PcVue failed to store data when has this message

30 Posts
4 Users
0 Likes
146 Views
(@sq.zheng@pcvue.com.cn)
Posts: 0
New Member Guest
 

Hello all,

I got my customer complaint that on the site when HDS displayed "HDS can't treat all the events. Try to reduce the number of information recorded by your application.", then PcVue stopped to store the data to SQL. It happened sometimes and would last several minutes.

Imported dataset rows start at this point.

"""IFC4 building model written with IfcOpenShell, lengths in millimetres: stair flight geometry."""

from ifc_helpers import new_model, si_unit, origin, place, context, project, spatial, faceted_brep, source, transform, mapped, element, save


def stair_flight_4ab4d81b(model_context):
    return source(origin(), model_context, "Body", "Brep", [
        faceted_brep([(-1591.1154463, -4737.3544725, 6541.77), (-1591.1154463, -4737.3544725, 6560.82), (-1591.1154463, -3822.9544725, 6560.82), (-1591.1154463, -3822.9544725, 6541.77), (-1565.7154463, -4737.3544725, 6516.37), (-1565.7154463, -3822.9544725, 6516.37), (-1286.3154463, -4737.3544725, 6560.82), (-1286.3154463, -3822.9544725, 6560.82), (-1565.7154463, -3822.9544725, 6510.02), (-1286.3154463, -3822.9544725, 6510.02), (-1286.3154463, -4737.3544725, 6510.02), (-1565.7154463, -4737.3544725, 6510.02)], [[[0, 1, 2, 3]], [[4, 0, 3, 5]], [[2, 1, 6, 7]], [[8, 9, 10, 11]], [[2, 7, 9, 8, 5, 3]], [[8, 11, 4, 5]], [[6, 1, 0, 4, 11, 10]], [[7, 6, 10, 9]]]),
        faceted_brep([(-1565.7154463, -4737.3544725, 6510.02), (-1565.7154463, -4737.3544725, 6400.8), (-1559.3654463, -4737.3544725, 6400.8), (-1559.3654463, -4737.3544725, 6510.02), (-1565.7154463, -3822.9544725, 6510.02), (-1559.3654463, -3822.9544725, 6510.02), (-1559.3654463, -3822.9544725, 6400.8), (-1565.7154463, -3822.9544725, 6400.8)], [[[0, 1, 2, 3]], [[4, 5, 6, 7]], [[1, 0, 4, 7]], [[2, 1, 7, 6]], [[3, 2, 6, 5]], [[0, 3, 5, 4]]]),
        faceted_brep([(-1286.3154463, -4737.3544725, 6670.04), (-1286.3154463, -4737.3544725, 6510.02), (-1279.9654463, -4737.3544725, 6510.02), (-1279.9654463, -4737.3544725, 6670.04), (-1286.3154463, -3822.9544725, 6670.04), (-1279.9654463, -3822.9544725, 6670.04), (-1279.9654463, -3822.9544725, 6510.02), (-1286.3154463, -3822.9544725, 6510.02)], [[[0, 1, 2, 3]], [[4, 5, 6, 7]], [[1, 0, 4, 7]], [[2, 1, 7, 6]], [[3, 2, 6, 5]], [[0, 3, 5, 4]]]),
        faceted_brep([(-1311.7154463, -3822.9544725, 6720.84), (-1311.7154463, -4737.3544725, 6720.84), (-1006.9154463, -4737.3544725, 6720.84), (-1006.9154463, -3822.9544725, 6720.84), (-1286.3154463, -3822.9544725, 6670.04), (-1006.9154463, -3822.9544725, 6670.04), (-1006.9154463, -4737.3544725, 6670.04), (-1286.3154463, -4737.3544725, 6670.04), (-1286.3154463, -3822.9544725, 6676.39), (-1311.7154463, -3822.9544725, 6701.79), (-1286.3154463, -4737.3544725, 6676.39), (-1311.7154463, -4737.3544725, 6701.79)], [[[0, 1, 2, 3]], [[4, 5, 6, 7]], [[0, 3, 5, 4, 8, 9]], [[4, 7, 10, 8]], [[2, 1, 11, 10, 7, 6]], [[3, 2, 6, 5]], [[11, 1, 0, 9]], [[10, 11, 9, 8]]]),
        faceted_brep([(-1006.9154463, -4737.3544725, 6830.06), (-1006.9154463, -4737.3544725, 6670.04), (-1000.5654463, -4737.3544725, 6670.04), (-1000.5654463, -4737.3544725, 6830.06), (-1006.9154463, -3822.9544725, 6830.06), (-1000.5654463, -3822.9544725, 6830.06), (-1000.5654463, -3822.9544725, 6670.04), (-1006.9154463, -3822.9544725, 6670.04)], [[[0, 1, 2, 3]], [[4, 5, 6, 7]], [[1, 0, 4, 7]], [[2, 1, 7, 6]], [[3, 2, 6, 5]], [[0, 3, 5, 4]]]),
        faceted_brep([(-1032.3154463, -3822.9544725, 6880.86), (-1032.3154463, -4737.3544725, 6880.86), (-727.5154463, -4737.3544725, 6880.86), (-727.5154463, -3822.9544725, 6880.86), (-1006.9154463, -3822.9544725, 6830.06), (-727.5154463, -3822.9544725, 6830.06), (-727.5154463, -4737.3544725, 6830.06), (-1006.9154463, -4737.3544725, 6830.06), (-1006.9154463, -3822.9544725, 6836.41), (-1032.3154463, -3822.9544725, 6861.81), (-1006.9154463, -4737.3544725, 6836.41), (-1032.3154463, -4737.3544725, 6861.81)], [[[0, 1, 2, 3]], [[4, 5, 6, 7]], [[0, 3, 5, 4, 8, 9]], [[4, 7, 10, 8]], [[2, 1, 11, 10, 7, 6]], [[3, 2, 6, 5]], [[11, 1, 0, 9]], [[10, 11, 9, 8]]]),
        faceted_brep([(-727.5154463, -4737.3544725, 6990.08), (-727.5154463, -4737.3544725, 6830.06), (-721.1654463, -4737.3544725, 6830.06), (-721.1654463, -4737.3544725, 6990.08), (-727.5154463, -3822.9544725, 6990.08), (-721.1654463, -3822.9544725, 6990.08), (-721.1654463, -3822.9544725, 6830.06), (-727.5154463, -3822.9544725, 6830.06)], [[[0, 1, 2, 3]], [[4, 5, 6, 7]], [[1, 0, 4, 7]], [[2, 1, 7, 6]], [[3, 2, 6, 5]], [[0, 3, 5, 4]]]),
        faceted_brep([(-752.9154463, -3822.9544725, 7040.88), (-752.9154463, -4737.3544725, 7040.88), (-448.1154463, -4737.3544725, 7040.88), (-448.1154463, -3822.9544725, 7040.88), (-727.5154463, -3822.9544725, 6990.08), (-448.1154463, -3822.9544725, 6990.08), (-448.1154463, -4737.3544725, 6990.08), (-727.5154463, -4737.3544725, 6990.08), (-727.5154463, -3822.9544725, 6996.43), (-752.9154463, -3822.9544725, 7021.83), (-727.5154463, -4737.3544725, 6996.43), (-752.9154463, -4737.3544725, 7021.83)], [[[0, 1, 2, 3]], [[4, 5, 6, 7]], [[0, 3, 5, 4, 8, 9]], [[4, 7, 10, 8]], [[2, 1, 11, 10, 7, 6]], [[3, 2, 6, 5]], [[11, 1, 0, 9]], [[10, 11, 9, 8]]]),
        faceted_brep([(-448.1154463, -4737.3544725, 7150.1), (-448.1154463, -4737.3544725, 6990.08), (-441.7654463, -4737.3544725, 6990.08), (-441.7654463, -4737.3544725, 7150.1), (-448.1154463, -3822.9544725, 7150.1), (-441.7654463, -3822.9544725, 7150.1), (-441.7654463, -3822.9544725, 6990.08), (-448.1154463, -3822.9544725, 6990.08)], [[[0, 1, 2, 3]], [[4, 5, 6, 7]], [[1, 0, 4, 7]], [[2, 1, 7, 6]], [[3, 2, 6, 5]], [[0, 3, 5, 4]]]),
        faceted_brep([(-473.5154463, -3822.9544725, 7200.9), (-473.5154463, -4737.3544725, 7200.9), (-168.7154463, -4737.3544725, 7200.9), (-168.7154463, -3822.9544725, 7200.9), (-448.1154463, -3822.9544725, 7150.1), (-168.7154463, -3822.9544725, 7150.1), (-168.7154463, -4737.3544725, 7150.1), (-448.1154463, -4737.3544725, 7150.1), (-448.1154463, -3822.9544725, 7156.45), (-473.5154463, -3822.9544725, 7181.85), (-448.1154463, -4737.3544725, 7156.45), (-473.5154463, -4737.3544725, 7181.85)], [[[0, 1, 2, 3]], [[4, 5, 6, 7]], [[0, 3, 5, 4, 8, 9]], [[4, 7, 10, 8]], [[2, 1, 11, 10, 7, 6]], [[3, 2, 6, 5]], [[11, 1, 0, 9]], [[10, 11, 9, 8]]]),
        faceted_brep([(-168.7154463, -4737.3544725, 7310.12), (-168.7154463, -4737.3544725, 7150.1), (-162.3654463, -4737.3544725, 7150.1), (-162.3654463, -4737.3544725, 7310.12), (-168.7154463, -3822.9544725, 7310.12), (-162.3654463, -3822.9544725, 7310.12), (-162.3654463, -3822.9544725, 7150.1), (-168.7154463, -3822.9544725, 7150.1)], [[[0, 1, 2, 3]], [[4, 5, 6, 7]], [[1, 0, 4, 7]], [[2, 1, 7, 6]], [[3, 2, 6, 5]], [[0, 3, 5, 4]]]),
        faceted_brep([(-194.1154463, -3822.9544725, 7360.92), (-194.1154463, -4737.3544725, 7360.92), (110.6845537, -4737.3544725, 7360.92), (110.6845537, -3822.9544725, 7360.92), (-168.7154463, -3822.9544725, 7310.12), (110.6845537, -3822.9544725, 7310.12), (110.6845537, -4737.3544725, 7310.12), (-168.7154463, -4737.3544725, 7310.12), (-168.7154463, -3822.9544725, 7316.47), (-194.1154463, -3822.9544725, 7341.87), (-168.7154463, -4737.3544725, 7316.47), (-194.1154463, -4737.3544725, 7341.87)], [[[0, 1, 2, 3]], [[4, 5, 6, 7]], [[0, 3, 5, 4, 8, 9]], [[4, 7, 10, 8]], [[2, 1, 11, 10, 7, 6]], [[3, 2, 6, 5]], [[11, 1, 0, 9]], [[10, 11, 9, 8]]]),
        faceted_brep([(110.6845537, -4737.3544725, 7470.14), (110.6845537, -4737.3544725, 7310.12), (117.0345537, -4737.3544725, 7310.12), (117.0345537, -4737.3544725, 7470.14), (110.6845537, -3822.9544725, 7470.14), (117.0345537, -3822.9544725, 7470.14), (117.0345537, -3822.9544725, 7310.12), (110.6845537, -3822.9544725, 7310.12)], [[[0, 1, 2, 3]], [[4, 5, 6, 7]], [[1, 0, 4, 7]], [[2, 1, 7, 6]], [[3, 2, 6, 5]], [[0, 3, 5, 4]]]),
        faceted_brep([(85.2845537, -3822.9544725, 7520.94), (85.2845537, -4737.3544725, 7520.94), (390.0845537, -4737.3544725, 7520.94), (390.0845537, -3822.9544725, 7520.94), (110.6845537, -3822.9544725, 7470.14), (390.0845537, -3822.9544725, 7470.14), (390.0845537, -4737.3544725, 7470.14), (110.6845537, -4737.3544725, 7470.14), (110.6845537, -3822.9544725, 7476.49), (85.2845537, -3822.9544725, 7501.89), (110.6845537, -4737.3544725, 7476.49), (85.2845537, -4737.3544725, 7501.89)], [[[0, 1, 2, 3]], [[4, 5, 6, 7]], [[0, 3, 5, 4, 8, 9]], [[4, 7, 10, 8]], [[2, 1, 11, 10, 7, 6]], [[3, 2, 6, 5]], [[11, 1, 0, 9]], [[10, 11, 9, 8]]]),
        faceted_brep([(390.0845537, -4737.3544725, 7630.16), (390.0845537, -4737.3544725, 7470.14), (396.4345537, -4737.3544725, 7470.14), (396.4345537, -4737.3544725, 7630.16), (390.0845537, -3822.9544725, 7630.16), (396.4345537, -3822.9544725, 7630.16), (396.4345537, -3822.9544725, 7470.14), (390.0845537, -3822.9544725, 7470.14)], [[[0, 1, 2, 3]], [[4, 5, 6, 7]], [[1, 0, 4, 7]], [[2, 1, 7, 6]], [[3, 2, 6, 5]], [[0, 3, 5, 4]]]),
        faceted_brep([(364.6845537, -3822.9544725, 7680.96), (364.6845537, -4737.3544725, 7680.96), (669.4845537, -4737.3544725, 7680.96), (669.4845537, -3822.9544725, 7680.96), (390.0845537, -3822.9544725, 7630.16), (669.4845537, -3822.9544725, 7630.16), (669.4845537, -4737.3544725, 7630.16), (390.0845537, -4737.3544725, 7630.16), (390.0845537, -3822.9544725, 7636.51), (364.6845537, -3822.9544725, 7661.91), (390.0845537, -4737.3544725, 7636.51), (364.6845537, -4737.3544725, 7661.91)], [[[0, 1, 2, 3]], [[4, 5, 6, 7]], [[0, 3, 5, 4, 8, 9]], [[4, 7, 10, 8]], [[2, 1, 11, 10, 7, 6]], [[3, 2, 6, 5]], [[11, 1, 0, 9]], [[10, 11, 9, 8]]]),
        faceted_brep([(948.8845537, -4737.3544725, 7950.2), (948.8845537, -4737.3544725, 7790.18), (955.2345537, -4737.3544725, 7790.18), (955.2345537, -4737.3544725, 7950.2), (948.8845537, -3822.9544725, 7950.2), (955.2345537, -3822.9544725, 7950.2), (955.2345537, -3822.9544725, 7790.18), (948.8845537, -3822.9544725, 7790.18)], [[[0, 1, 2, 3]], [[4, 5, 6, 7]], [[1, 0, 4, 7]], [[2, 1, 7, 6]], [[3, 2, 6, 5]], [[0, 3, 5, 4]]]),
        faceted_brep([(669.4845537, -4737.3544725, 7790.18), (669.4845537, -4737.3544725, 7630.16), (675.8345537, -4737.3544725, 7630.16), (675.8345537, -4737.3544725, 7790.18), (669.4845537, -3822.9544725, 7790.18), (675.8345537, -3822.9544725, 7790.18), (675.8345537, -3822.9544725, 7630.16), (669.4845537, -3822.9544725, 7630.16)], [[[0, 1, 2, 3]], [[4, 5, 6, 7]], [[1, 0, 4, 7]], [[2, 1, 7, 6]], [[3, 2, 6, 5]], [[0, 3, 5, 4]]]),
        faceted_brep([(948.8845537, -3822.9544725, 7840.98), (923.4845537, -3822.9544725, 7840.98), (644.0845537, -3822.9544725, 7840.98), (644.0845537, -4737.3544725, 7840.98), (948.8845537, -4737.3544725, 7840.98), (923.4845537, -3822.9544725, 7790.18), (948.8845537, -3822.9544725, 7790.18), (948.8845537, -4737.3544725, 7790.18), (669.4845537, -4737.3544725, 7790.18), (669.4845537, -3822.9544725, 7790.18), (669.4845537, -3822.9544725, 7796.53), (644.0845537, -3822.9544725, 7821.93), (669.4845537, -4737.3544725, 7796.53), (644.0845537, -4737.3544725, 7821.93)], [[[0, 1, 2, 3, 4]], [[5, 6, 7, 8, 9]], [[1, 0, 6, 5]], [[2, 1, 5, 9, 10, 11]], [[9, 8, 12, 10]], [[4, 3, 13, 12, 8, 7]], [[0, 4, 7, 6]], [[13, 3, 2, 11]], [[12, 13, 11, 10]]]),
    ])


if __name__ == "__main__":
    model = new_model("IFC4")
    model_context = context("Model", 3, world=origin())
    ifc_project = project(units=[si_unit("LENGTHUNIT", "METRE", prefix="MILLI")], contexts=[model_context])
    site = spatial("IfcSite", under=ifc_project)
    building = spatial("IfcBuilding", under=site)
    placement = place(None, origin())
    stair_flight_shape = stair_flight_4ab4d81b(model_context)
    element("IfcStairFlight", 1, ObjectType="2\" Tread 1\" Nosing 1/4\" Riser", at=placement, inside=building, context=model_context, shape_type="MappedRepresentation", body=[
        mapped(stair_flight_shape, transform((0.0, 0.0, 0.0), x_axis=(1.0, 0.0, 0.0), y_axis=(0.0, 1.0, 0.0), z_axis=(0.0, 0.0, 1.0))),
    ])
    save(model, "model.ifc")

As the customer said, the project is for the disaster prevention system for the High speed train, so this kind of issue cannot be acceptable. And the problem should be solved today.:(

Project info:

PcVue 10.0 SP1 16016, 3500 IO around, with several hundreds registers recorded on change while 24 wind-speed registers recorded every seconds with svmgrRefreshData.dll. I have checked the HDS logs, it seems every day, HDS would have this error message for 1-3 times, and the customer said, every time HDS has the error, the 24 wind-speed registers could not be stored correctly.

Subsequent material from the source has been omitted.